WHO has recommended a 30% reduction in smoking prevalence by 2025, which would avoid at least 200 million deaths by the end of the 21st century among current and future smokers. The only plausible way to reduce smoking to this extent would be to triple tobacco excise taxes in most LMICs. A tripling of the excise tax would roughly double the retail price and reduce tobacco consumption by about 40%. As of 2015, WHO reported that only 28 LMICs had comprehensive policies covering counter advertising, restrictions on public smoking, and on appropriately high taxes, and that few had made progress on raising taxes.
The common strategy of tobacco producers is to lobby governments to keep cigarettes affordable by keeping tax hikes below the rate of income growth, and by taxing different cigarettes at different rates to enable smokers to change to cheaper brands or lengths. Smart taxation needs to simplify taxes by adopting, ideally, a high, uniform excise tax on all types of cigarettes (both filter and nonfilter) to reduce downward substitution (let’s not forget, all cigarettes will kill you!). The Government of India has recently made modest tax reforms in this direction, the 2015 tobacco tax adjustment in China is reducing consumption and increasing fiscal revenue, and in 2016 World Bank teams supported the work of government teams in Armenia, Colombia, Moldova and Ukraine for the undertaking of comprehensive tax reforms that were approved by Parliaments, including reforms on tobacco tax structures and rate levels—additional work is being supported in other countries worldwide. Smart taxes can follow the example of Canada’s tax hike of about 5 cents a pack in 2014, as well as the Sin Tax Reform (both tobacco and alcohol) in the Philippines of 2012 that helped mobilize domestic resources to fund the expansion of universal health coverage. There have been other successes: Botswana, Ecuador, Mauritius, Mexico, and Uruguay, where local political champions, paired with expert taxation advice, achieved large tax hikes. South Africa also raised taxes in the last decade and has curbed consumption per adult by half.
Non-price interventions also play an important role as they help to reduce the social acceptability of tobacco use. Young American women took up smoking in large proportions in the 1960s and 1970s due in part to aggressive advertising (“The “Virginia Slims” epidemic”). Advertising bans or restrictions are likely one reason why young Chinese or Indian women have not yet done so. Australia has adopted plain packaging, and other countries are starting to follow this example. Simple questions on past smoking status to death certificates or to verbal autopsies could enable low-cost monitoring of the consequences of tobacco use in many populations.

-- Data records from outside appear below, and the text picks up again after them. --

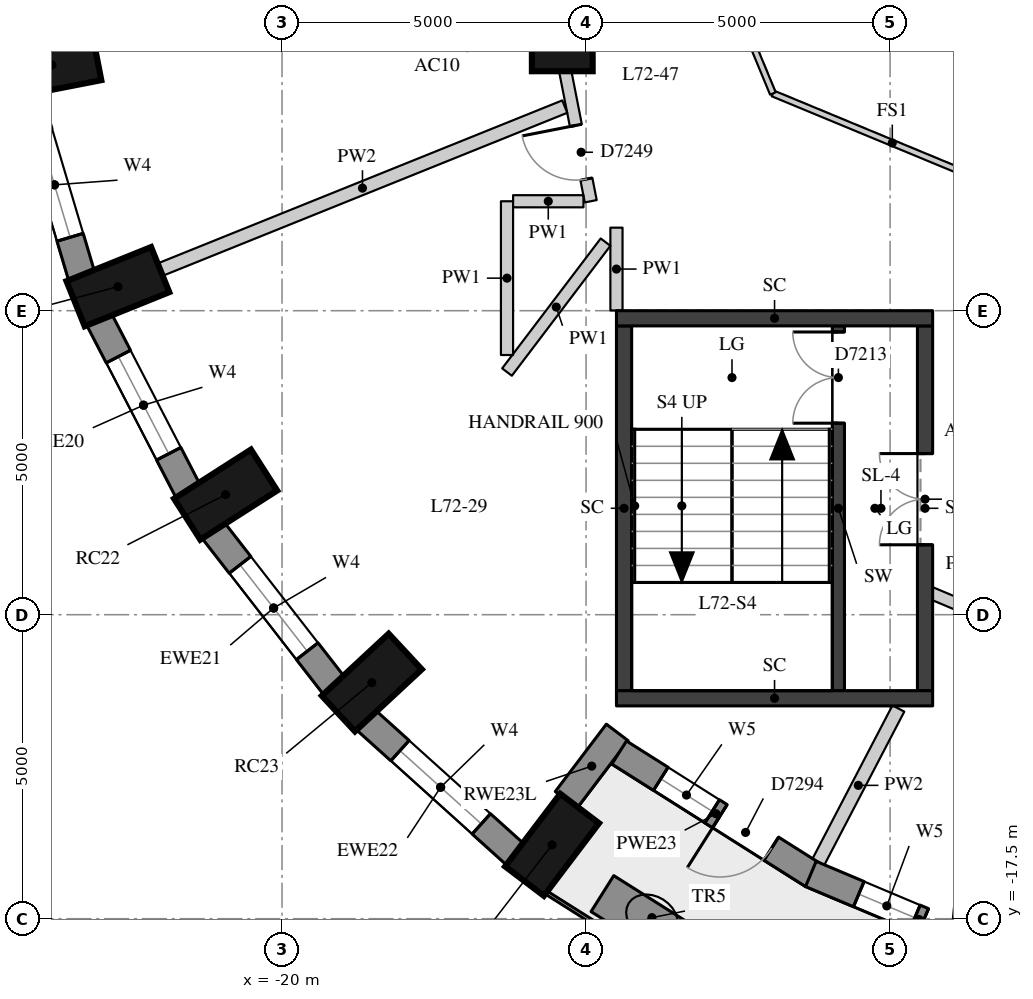
"""IFC4 building model, lengths in metres.
Left out: names, types, materials, properties, quantities, classifications, styles, units other than length and angle.
Written with IfcOpenShell. Run it as: python <this file> out.ifc"""

import sys

from ifc_helpers import new_model, si_unit, direction, frame, frame_2d, origin, origin_2d, place, context, subcontext, project, spatial, rectangle, extrude, element, fill, save


model = new_model("IFC4")
c1 = context("Model", 3, precision=1e-05, world=origin(), true_north=direction((0.0, 1.0)))
c2 = subcontext(c1, "Body", "Model", "MODEL_VIEW")
j1 = project(units=[si_unit("LENGTHUNIT", "METRE"), si_unit("PLANEANGLEUNIT", "RADIAN")], contexts=[c1])
p1 = place(None, origin())
s1 = spatial("IfcSite", under=j1, at=p1, CompositionType="ELEMENT")
p2 = place(p1, origin())
s2 = spatial("IfcBuilding", under=s1, at=p2, CompositionType="ELEMENT")
p3 = place(p2, frame((0.0, 0.0, 253.1)))
s3 = spatial("IfcBuildingStorey", under=s2, at=p3, CompositionType="ELEMENT", Elevation=253.1)
for number, where, z_axis, x_axis in (
    (1, (-23.785, -3.459, 0.0), (0.0, 0.0, 1.0), (-0.981, -0.192, 0.0)),
    (2, (-22.7, -7.105, 0.0), (0.0, 0.0, 1.0), (-0.928, -0.374, 0.0)),
    (3, (-20.928, -10.525, 0.0), (0.0, 0.0, 1.0), (-0.843, -0.539, 0.0)),
    (4, (-18.523, -13.616, 0.0), (0.0, 0.0, 1.0), (-0.733, -0.681, 0.0)),
    (5, (-15.559, -16.285, 0.0), (0.0, 0.0, 1.0), (-0.604, -0.797, 0.0)),
):
    element("IfcColumn", number, at=place(p3, frame(where, z_axis=z_axis, x_axis=x_axis)), inside=s3, PredefinedType="COLUMN", context=c2, shape_type="SweptSolid", body=[
        extrude(rectangle(XDim=1.5, YDim=0.8, at=origin_2d()), origin(), (0.0, 0.0, 1.0), 3.3),
    ])
p4 = place(p3, frame((-15.391, -3.062, 0.0), z_axis=(0.0, 0.0, 1.0), x_axis=(1.0, 0.0, 0.0)))
e6 = element("IfcColumn", 6, at=p4, inside=s3, PredefinedType="COLUMN", context=c2, shape_type="SweptSolid", body=[
    extrude(rectangle(XDim=1.0, YDim=1.0, at=origin_2d()), origin(), (0.0, 0.0, 1.0), 3.3),
])
p5 = place(p3, frame((-24.19, -3.926, 0.0), z_axis=(0.0, 0.0, 1.0), x_axis=(0.285263800865, -0.958449040855, 0.0)))
e7 = element("IfcWall", 7, at=p5, inside=s3, PredefinedType="SOLIDWALL", context=c2, shape_type="SweptSolid", body=[
    extrude(rectangle(XDim=3.139, YDim=0.45, at=frame_2d((1.57, 0.0))), origin(), (0.0, 0.0, 1.0), 3.02),
])
p6 = place(p5, frame((0.67, 0.0, 0.4)))
e8 = element("IfcOpeningElement", 8, at=p6, cuts=e7, PredefinedType="OPENING", context=c2, shape_type="SweptSolid", body=[
    extrude(rectangle(XDim=1.8, YDim=1.75, at=frame_2d((0.9, 0.875))), frame((0.0, 0.235, 0.0), z_axis=(0.0, -1.0, 0.0), x_axis=(1.0, 0.0, 0.0)), (0.0, 0.0, 1.0), 0.47),
])
p7 = place(p3, frame((-23.01, -7.64, 0.0), z_axis=(0.0, 0.0, 1.0), x_axis=(0.459921155255, -0.887959757505, 0.0)))
e9 = element("IfcWall", 9, at=p7, inside=s3, PredefinedType="SOLIDWALL", context=c2, shape_type="SweptSolid", body=[
    extrude(rectangle(XDim=3.186, YDim=0.45, at=frame_2d((1.593, 0.0))), origin(), (0.0, 0.0, 1.0), 3.02),
])
p8 = place(p7, frame((0.693, 0.0, 0.4)))
e10 = element("IfcOpeningElement", 10, at=p8, cuts=e9, PredefinedType="OPENING", context=c2, shape_type="SweptSolid", body=[
    extrude(rectangle(XDim=1.8, YDim=1.75, at=frame_2d((0.9, 0.875))), frame((0.0, 0.235, 0.0), z_axis=(0.0, -1.0, 0.0), x_axis=(1.0, 0.0, 0.0)), (0.0, 0.0, 1.0), 0.47),
])
p9 = place(p3, frame((-21.135, -11.109, 0.0), z_axis=(0.0, 0.0, 1.0), x_axis=(0.613898970825, -0.789384604372, 0.0)))
e11 = element("IfcWall", 11, at=p9, inside=s3, PredefinedType="SOLIDWALL", context=c2, shape_type="SweptSolid", body=[
    extrude(rectangle(XDim=3.247, YDim=0.45, at=frame_2d((1.624, 0.0))), origin(), (0.0, 0.0, 1.0), 3.02),
])
p10 = place(p9, frame((0.724, 0.0, 0.4)))
e12 = element("IfcOpeningElement", 12, at=p10, cuts=e11, PredefinedType="OPENING", context=c2, shape_type="SweptSolid", body=[
    extrude(rectangle(XDim=1.8, YDim=1.75, at=frame_2d((0.9, 0.875))), frame((0.0, 0.235, 0.0), z_axis=(0.0, -1.0, 0.0), x_axis=(1.0, 0.0, 0.0)), (0.0, 0.0, 1.0), 0.47),
])
p11 = place(p3, frame((-18.624, -14.229, 0.0), z_axis=(0.0, 0.0, 1.0), x_axis=(0.743166014219, -0.669107073128, 0.0)))
e13 = element("IfcWall", 13, at=p11, inside=s3, PredefinedType="SOLIDWALL", context=c2, shape_type="SweptSolid", body=[
    extrude(rectangle(XDim=3.316, YDim=0.45, at=frame_2d((1.658, 0.0))), origin(), (0.0, 0.0, 1.0), 3.02),
])
p12 = place(p11, frame((0.758, 0.0, 0.4)))
e14 = element("IfcOpeningElement", 14, at=p12, cuts=e13, PredefinedType="OPENING", context=c2, shape_type="SweptSolid", body=[
    extrude(rectangle(XDim=1.8, YDim=1.75, at=frame_2d((0.9, 0.875))), frame((0.0, 0.235, 0.0), z_axis=(0.0, -1.0, 0.0), x_axis=(1.0, 0.0, 0.0)), (0.0, 0.0, 1.0), 0.47),
])
p13 = place(p3, frame((-15.327, -15.545, 0.0), z_axis=(0.0, 0.0, 1.0), x_axis=(0.604148273711, 0.79687192407, 0.0)))
e15 = element("IfcWall", 15, at=p13, inside=s3, PredefinedType="SOLIDWALL", context=c2, shape_type="SweptSolid", body=[
    extrude(rectangle(XDim=1.391, YDim=0.45, at=frame_2d((0.695, 0.0))), origin(), (0.0, 0.0, 1.0), 2.57),
])
p14 = place(p3, frame((-14.455, -14.767, 0.0), z_axis=(0.0, 0.0, 1.0), x_axis=(0.845183955488, -0.534475519912, 0.0)))
e16 = element("IfcWall", 16, at=p14, inside=s3, PredefinedType="SOLIDWALL", context=c2, shape_type="SweptSolid", body=[
    extrude(rectangle(XDim=3.769, YDim=0.45, at=frame_2d((1.884, 0.0))), origin(), (0.0, 0.0, 1.0), 3.02),
])
p15 = place(p14, frame((0.809, 0.0, 0.4)))
e17 = element("IfcOpeningElement", 17, at=p15, cuts=e16, PredefinedType="OPENING", context=c2, shape_type="SweptSolid", body=[
    extrude(rectangle(XDim=1.0, YDim=1.75, at=frame_2d((0.5, 0.875))), frame((0.0, 0.235, 0.0), z_axis=(0.0, -1.0, 0.0), x_axis=(1.0, 0.0, 0.0)), (0.0, 0.0, 1.0), 0.47),
])
p16 = place(p14, frame((1.959, 0.0, 0.0)))
e18 = element("IfcOpeningElement", 18, at=p16, cuts=e16, PredefinedType="OPENING", context=c2, shape_type="SweptSolid", body=[
    extrude(rectangle(XDim=1.0, YDim=2.15, at=frame_2d((0.5, 1.075))), frame((0.0, 0.235, 0.0), z_axis=(0.0, -1.0, 0.0), x_axis=(1.0, 0.0, 0.0)), (0.0, 0.0, 1.0), 0.47),
])
p17 = place(p3, frame((-11.303, -16.764, 0.0), z_axis=(0.0, 0.0, 1.0), x_axis=(0.921625850704, -0.388079619813, 0.0)))
e19 = element("IfcWall", 19, at=p17, inside=s3, PredefinedType="SOLIDWALL", context=c2, shape_type="SweptSolid", body=[
    extrude(rectangle(XDim=3.86, YDim=0.45, at=frame_2d((1.93, 0.0))), origin(), (0.0, 0.0, 1.0), 3.02),
])
p18 = place(p17, frame((0.855, 0.0, 0.4)))
e20 = element("IfcOpeningElement", 20, at=p18, cuts=e19, PredefinedType="OPENING", context=c2, shape_type="SweptSolid", body=[
    extrude(rectangle(XDim=1.0, YDim=1.75, at=frame_2d((0.5, 0.875))), frame((0.0, 0.235, 0.0), z_axis=(0.0, -1.0, 0.0), x_axis=(1.0, 0.0, 0.0)), (0.0, 0.0, 1.0), 0.47),
])
p19 = place(p17, frame((2.005, 0.0, 0.0)))
e21 = element("IfcOpeningElement", 21, at=p19, cuts=e19, PredefinedType="OPENING", context=c2, shape_type="SweptSolid", body=[
    extrude(rectangle(XDim=1.0, YDim=2.15, at=frame_2d((0.5, 1.075))), frame((0.0, 0.235, 0.0), z_axis=(0.0, -1.0, 0.0), x_axis=(1.0, 0.0, 0.0)), (0.0, 0.0, 1.0), 0.47),
])
p20 = place(p3, frame((-14.731, -17.087, 0.0), z_axis=(0.0, 0.0, 1.0), x_axis=(0.845926932753, -0.533298813465, 0.0)))
e22 = element("IfcWall", 22, at=p20, inside=s3, PredefinedType="USERDEFINED", context=c2, shape_type="SweptSolid", body=[
    extrude(rectangle(XDim=1.8, YDim=0.7, at=frame_2d((0.9, 0.0))), origin(), (0.0, 0.0, 1.0), 0.75),
])
p21 = place(p3, frame((-10.85, -13.75, 0.0), z_axis=(0.0, 0.0, 1.0), x_axis=(0.0, 1.0, 0.0)))
e23 = element("IfcWall", 23, at=p21, inside=s3, PredefinedType="SHEAR", context=c2, shape_type="SweptSolid", body=[
    extrude(rectangle(XDim=6.0, YDim=0.2, at=frame_2d((3.0, 0.0))), origin(), (0.0, 0.0, 1.0), 3.02),
])
p22 = place(p21, frame((4.4, 0.0, 0.0)))
e24 = element("IfcOpeningElement", 24, at=p22, cuts=e23, PredefinedType="OPENING", context=c2, shape_type="SweptSolid", body=[
    extrude(rectangle(XDim=1.5, YDim=2.1, at=frame_2d((0.75, 1.05))), frame((0.0, 0.11, 0.0), z_axis=(0.0, -1.0, 0.0), x_axis=(1.0, 0.0, 0.0)), (0.0, 0.0, 1.0), 0.22),
])
p23 = place(p3, frame((-14.375, -13.75, -0.28), z_axis=(0.0, 0.0, 1.0), x_axis=(0.0, 1.0, 0.0)))
e25 = element("IfcWall", 25, at=p23, inside=s3, PredefinedType="SHEAR", context=c2, shape_type="SweptSolid", body=[
    extrude(rectangle(XDim=6.0, YDim=0.25, at=frame_2d((3.0, 0.0))), origin(), (0.0, 0.0, 1.0), 3.3),
])
p24 = place(p3, frame((-9.425, -13.75, -0.28), z_axis=(0.0, 0.0, 1.0), x_axis=(0.0, 1.0, 0.0)))
e26 = element("IfcWall", 26, at=p24, inside=s3, PredefinedType="SHEAR", context=c2, shape_type="SweptSolid", body=[
    extrude(rectangle(XDim=6.0, YDim=0.25, at=frame_2d((3.0, 0.0))), origin(), (0.0, 0.0, 1.0), 3.3),
])
p25 = place(p24, frame((2.4, 0.0, 0.28)))
e27 = element("IfcOpeningElement", 27, at=p25, cuts=e26, PredefinedType="OPENING", context=c2, shape_type="SweptSolid", body=[
    extrude(rectangle(XDim=1.5, YDim=2.1, at=frame_2d((0.75, 1.05))), frame((0.0, 0.135, 0.0), z_axis=(0.0, -1.0, 0.0), x_axis=(1.0, 0.0, 0.0)), (0.0, 0.0, 1.0), 0.27),
])
for number, where, z_axis, x_axis in (
    (28, (-14.5, -7.625, -0.28), (0.0, 0.0, 1.0), (1.0, 0.0, 0.0)),
    (29, (-14.5, -13.875, -0.28), (0.0, 0.0, 1.0), (1.0, 0.0, 0.0)),
):
    element("IfcWall", number, at=place(p3, frame(where, z_axis=z_axis, x_axis=x_axis)), inside=s3, PredefinedType="SHEAR", context=c2, shape_type="SweptSolid", body=[
        extrude(rectangle(XDim=5.2, YDim=0.25, at=frame_2d((2.6, 0.0))), origin(), (0.0, 0.0, 1.0), 3.3),
    ])
p26 = place(p3, frame((-14.923, -5.7, 0.0), z_axis=(0.0, 0.0, 1.0), x_axis=(-0.192536596074, 0.981289793676, 0.0)))
e30 = element("IfcWall", 30, at=p26, inside=s3, PredefinedType="PARTITIONING", context=c2, shape_type="SweptSolid", body=[
    extrude(rectangle(XDim=6.115, YDim=0.2, at=frame_2d((3.057, 0.0))), origin(), (0.0, 0.0, 1.0), 2.52),
])
p27 = place(p26, frame((3.699, 0.0, 0.0)))
e31 = element("IfcOpeningElement", 31, at=p27, cuts=e30, PredefinedType="OPENING", context=c2, shape_type="SweptSolid", body=[
    extrude(rectangle(XDim=1.1, YDim=2.1, at=frame_2d((0.55, 1.05))), frame((0.0, 0.11, 0.0), z_axis=(0.0, -1.0, 0.0), x_axis=(1.0, 0.0, 0.0)), (0.0, 0.0, 1.0), 0.22),
])
p28 = place(p26, frame((0.372, 0.0, 0.0)))
e32 = element("IfcOpeningElement", 32, at=p28, cuts=e30, PredefinedType="OPENING", context=c2, shape_type="SweptSolid", body=[
    extrude(rectangle(XDim=0.9, YDim=2.1, at=frame_2d((0.45, 1.05))), frame((0.0, 0.11, 0.0), z_axis=(0.0, -1.0, 0.0), x_axis=(1.0, 0.0, 0.0)), (0.0, 0.0, 1.0), 0.22),
])
p29 = place(p3, frame((-7.846, -12.766, 0.0), z_axis=(0.0, 0.0, 1.0), x_axis=(-0.921813756196, 0.387633072489, 0.0)))
e33 = element("IfcWall", 33, at=p29, inside=s3, PredefinedType="PARTITIONING", context=c2, shape_type="SweptSolid", body=[
    extrude(rectangle(XDim=1.751, YDim=0.2, at=frame_2d((0.875, 0.0))), origin(), (0.0, 0.0, 1.0), 2.57),
])
p30 = place(p3, frame((-14.5, -7.496, 0.0), z_axis=(0.0, 0.0, 1.0), x_axis=(0.0, 1.0, 0.0)))
e34 = element("IfcWall", 34, at=p30, inside=s3, PredefinedType="PARTITIONING", context=c2, shape_type="SweptSolid", body=[
    extrude(rectangle(XDim=1.362, YDim=0.2, at=frame_2d((0.681, 0.0))), origin(), (0.0, 0.0, 1.0), 3.02),
])
p31 = place(p3, frame((-14.679, -6.372, 0.0), z_axis=(0.0, 0.0, 1.0), x_axis=(-0.604258962547, -0.796787993247, 0.0)))
e35 = element("IfcWall", 35, at=p31, inside=s3, PredefinedType="PARTITIONING", context=c2, shape_type="SweptSolid", body=[
    extrude(rectangle(XDim=2.682, YDim=0.2, at=frame_2d((1.341, 0.0))), origin(), (0.0, 0.0, 1.0), 3.02),
])
p32 = place(p3, frame((-16.3, -8.229, 0.0), z_axis=(0.0, 0.0, 1.0), x_axis=(0.0, 1.0, 0.0)))
e36 = element("IfcWall", 36, at=p32, inside=s3, PredefinedType="PARTITIONING", context=c2, shape_type="SweptSolid", body=[
    extrude(rectangle(XDim=2.529, YDim=0.2, at=frame_2d((1.265, 0.0))), origin(), (0.0, 0.0, 1.0), 3.02),
])
p33 = place(p3, frame((-16.2, -5.7, 0.0), z_axis=(0.0, 0.0, 1.0), x_axis=(1.0, 0.0, 0.0)))
e37 = element("IfcWall", 37, at=p33, inside=s3, PredefinedType="PARTITIONING", context=c2, shape_type="SweptSolid", body=[
    extrude(rectangle(XDim=1.157, YDim=0.2, at=frame_2d((0.579, 0.0))), origin(), (0.0, 0.0, 1.0), 3.02),
])
p34 = place(p3, frame((-22.004, -6.824, 0.0), z_axis=(0.0, 0.0, 1.0), x_axis=(0.927530164265, 0.373748303513, 0.0)))
e38 = element("IfcWall", 38, at=p34, inside=s3, PredefinedType="PARTITIONING", context=c2, shape_type="SweptSolid", body=[
    extrude(rectangle(XDim=7.174, YDim=0.22, at=frame_2d((3.587, 0.0))), origin(), (0.0, 0.0, 1.0), 3.02),
])
p35 = place(p3, frame((-11.181, -16.571, 0.0), z_axis=(0.0, 0.0, 1.0), x_axis=(0.462325972726, 0.886710039947, 0.0)))
e39 = element("IfcWall", 39, at=p35, inside=s3, PredefinedType="PARTITIONING", context=c2, shape_type="SweptSolid", body=[
    extrude(rectangle(XDim=2.851, YDim=0.22, at=frame_2d((1.425, 0.0))), origin(), (0.0, 0.0, 1.0), 3.02),
])
for number, where, z_axis, x_axis in (
    (40, (-8.0, -5.554, 0.0), (0.0, 0.0, 1.0), (-0.924, 0.383, 0.0)),
    (41, (-11.927, -3.927, 0.0), (0.0, 0.0, 1.0), (-0.383, 0.924, 0.0)),
):
    element("IfcWall", number, at=place(p3, frame(where, z_axis=z_axis, x_axis=x_axis)), inside=s3, PredefinedType="PARTITIONING", context=c2, shape_type="SweptSolid", body=[
        extrude(rectangle(XDim=4.251, YDim=0.1, at=frame_2d((2.125, 0.0))), origin(), (0.0, 0.0, 1.0), 3.02),
    ])
p36 = place(p6, origin())
e42 = element("IfcWindow", 42, at=p36, inside=s3, PartitioningType="SINGLE_PANEL", PredefinedType="WINDOW", context=c2, shape_type="SweptSolid", body=[
    extrude(rectangle(XDim=1.8, YDim=1.75, at=frame_2d((0.9, 0.875))), frame((0.0, 0.035, 0.0), z_axis=(0.0, -1.0, 0.0), x_axis=(1.0, 0.0, 0.0)), (0.0, 0.0, 1.0), 0.06),
])
fill(e8, e42)
p37 = place(p8, origin())
e43 = element("IfcWindow", 43, at=p37, inside=s3, PartitioningType="SINGLE_PANEL", PredefinedType="WINDOW", context=c2, shape_type="SweptSolid", body=[
    extrude(rectangle(XDim=1.8, YDim=1.75, at=frame_2d((0.9, 0.875))), frame((0.0, 0.035, 0.0), z_axis=(0.0, -1.0, 0.0), x_axis=(1.0, 0.0, 0.0)), (0.0, 0.0, 1.0), 0.06),
])
fill(e10, e43)
p38 = place(p10, origin())
e44 = element("IfcWindow", 44, at=p38, inside=s3, PartitioningType="SINGLE_PANEL", PredefinedType="WINDOW", context=c2, shape_type="SweptSolid", body=[
    extrude(rectangle(XDim=1.8, YDim=1.75, at=frame_2d((0.9, 0.875))), frame((0.0, 0.035, 0.0), z_axis=(0.0, -1.0, 0.0), x_axis=(1.0, 0.0, 0.0)), (0.0, 0.0, 1.0), 0.06),
])
fill(e12, e44)
p39 = place(p12, origin())
e45 = element("IfcWindow", 45, at=p39, inside=s3, PartitioningType="SINGLE_PANEL", PredefinedType="WINDOW", context=c2, shape_type="SweptSolid", body=[
    extrude(rectangle(XDim=1.8, YDim=1.75, at=frame_2d((0.9, 0.875))), frame((0.0, 0.035, 0.0), z_axis=(0.0, -1.0, 0.0), x_axis=(1.0, 0.0, 0.0)), (0.0, 0.0, 1.0), 0.06),
])
fill(e14, e45)
p40 = place(p15, origin())
e46 = element("IfcWindow", 46, at=p40, inside=s3, PartitioningType="SINGLE_PANEL", PredefinedType="WINDOW", context=c2, shape_type="SweptSolid", body=[
    extrude(rectangle(XDim=1.0, YDim=1.75, at=frame_2d((0.5, 0.875))), frame((0.0, 0.035, 0.0), z_axis=(0.0, -1.0, 0.0), x_axis=(1.0, 0.0, 0.0)), (0.0, 0.0, 1.0), 0.06),
])
fill(e17, e46)
p41 = place(p16, frame((1.0, 0.0, 0.0), z_axis=(0.0, 0.0, 1.0), x_axis=(-1.0, 0.0, 0.0)))
e47 = element("IfcDoor", 47, at=p41, inside=s3, OperationType="SINGLE_SWING_RIGHT", PredefinedType="DOOR", context=c2, shape_type="SweptSolid", body=[
    extrude(rectangle(XDim=1.0, YDim=2.15, at=frame_2d((0.5, 1.075))), frame((0.0, 0.075, 0.0), z_axis=(0.0, -1.0, 0.0), x_axis=(1.0, 0.0, 0.0)), (0.0, 0.0, 1.0), 0.05),
])
fill(e18, e47)
p42 = place(p18, origin())
e48 = element("IfcWindow", 48, at=p42, inside=s3, PartitioningType="SINGLE_PANEL", PredefinedType="WINDOW", context=c2, shape_type="SweptSolid", body=[
    extrude(rectangle(XDim=1.0, YDim=1.75, at=frame_2d((0.5, 0.875))), frame((0.0, 0.035, 0.0), z_axis=(0.0, -1.0, 0.0), x_axis=(1.0, 0.0, 0.0)), (0.0, 0.0, 1.0), 0.06),
])
fill(e20, e48)
p43 = place(p22, origin())
e49 = element("IfcDoor", 49, at=p43, inside=s3, OperationType="DOUBLE_DOOR_SINGLE_SWING", PredefinedType="DOOR", context=c2, shape_type="SweptSolid", body=[
    extrude(rectangle(XDim=1.5, YDim=2.1, at=frame_2d((0.75, 1.05))), frame((0.0, 0.025, 0.0), z_axis=(0.0, -1.0, 0.0), x_axis=(1.0, 0.0, 0.0)), (0.0, 0.0, 1.0), 0.05),
])
fill(e24, e49)
p44 = place(p25, origin())
e50 = element("IfcDoor", 50, at=p44, inside=s3, OperationType="DOUBLE_DOOR_SINGLE_SWING", PredefinedType="DOOR", context=c2, shape_type="SweptSolid", body=[
    extrude(rectangle(XDim=1.5, YDim=2.1, at=frame_2d((0.75, 1.05))), frame((0.0, 0.025, 0.0), z_axis=(0.0, -1.0, 0.0), x_axis=(1.0, 0.0, 0.0)), (0.0, 0.0, 1.0), 0.05),
])
fill(e27, e50)
p45 = place(p28, origin())
e51 = element("IfcDoor", 51, at=p45, inside=s3, OperationType="SINGLE_SWING_RIGHT", PredefinedType="DOOR", context=c2, shape_type="SweptSolid", body=[
    extrude(rectangle(XDim=0.9, YDim=2.1, at=frame_2d((0.45, 1.05))), frame((0.0, 0.025, 0.0), z_axis=(0.0, -1.0, 0.0), x_axis=(1.0, 0.0, 0.0)), (0.0, 0.0, 1.0), 0.05),
])
fill(e32, e51)
save(model, sys.argv[1])

Governments and international agencies with accumulated know how and expertise in data sciences such as the World Bank Group and OECD along with WHO could also help countries create accessible and independent sales, revenue and smuggling data sources as a basis for rational tobacco tax policy. Country finance officials should refuse advice from tobacco lobbyists to avoid falling into conflict of interest situations, as WHO recommends for health officials.
Implementing the FCTC more effectively in the next decade is required to raise cessation rates in LMICs. The World Bank recommended taxation as the core strategy in its 1999 publication, Curbing the Epidemic: Goverments and the Economics of Tobacco Control. Similar recommendations follow in recent reports on tobacco taxation by WHO, and by the International Monetary Fund. Building upon accumulated evidence and country experiences, a tripling of the worldwide excise tax might be the only way to achieve the 2030 UN Sustainable Development Goal of reducing non-communicable disease deaths by 30%!